The Board agreed to pursue a rebuild to the level of phase 3 of its five phase long term plan.
It noted:
  • So far Government funding of £396m has been provisionally allocated to the hospital’s rebuild - £46m for an Urgent Care Hub (new A&E) and £350m to be agreed from the Government’s Health Infrastructure Plan (HIP2) hospital rebuilding programme.
  • This means so far £396m is available for the rebuild so far - enough to fund the first phase of the hospital’s plan and part of the second
  • Achieving this would give the hospital a new Urgent Care Hub, some new wards and an energy centre.
  • But it would not enable the majority of the hospital’s wards to be renewed.
  • The preferred option put to the Board today was to seek additional funding to enable a second and third phase of the rebuild to be completed at a cost of an estimated £765m (this would include VAT and inflation costs).
  • The Board heard that achieving phase 3 is the minimum level considered adequate to provide new hospital facilities that the majority of patients and staff would benefit from.

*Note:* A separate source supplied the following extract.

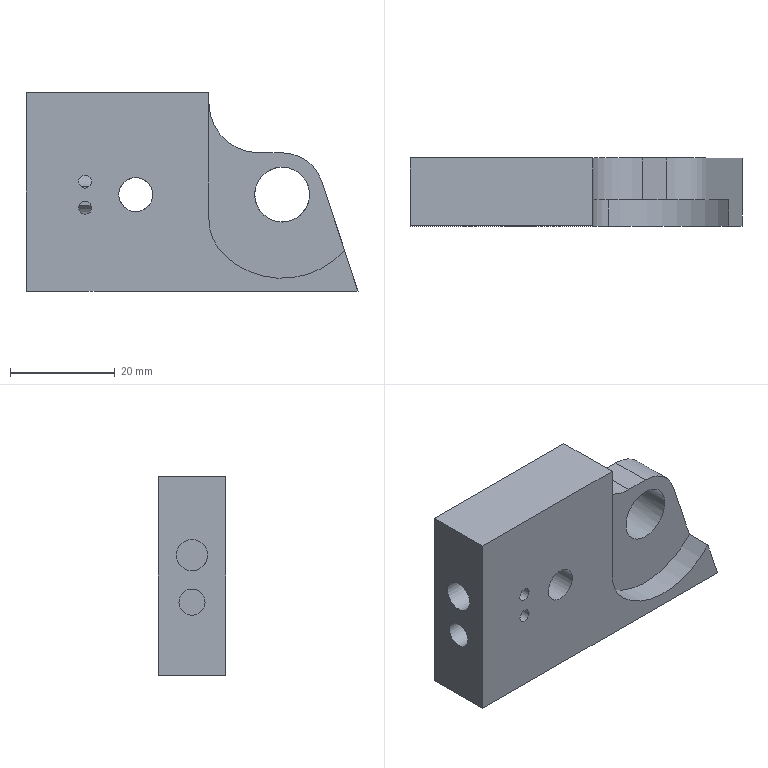Component | NX | BRACKET | 1 solid | 27 faces | volume 21113 mm3 | plane 15 | cylinder 12 | commonest cylinder face diameters 19 x2 2.5 x2 4 x2 16 x1 10.5 x1 32 x1 6.5 x1 6 x1

  • Completing this phase would give the hospital enough money to replace its inpatient wards and bring other benefits including new operating theatres, relocating key departments and removing old estate that is no longer fit for purpose.
 
Achieving phase 3 would give the hospital three major new six-storey state-of-the-art buildings housing the Urgent Care Hub, new ward blocks, new operating theatres and improve accommodation for key services. It would bring more than 80 per cent of the hospital’s buildings up to modern standards - at the moment only 20 per cent of its buildings are up to standard.
 
The Board unanimously agreed to purse the option for a phase 3 rebuild and to redouble its efforts to secure funding for this with the support of local MPs, its Governing body and the local community.
 
The first business case will be submitted in March 2021 with others following in 2022 and 2023 with increasing levels of clinical and design details.
 
Over the next three to four months the Trust will now work-up and pursue funding for the first phase of development and will work with its local and national stakeholders to progress its plans.
 
A plan of what the hospital could look like at stage 3
 
The plan picture shows what the hospital could look like at phase 3. The four proposed new dark grey buildings marked with green symbols are the new Urgent Care Hub, ward blocks and energy centre. The other two grey buildings in the bottom of the diagram are the Foundation Wing and Treatment Centre – the only existing buildings which are currently up to modern standards on the hospital site.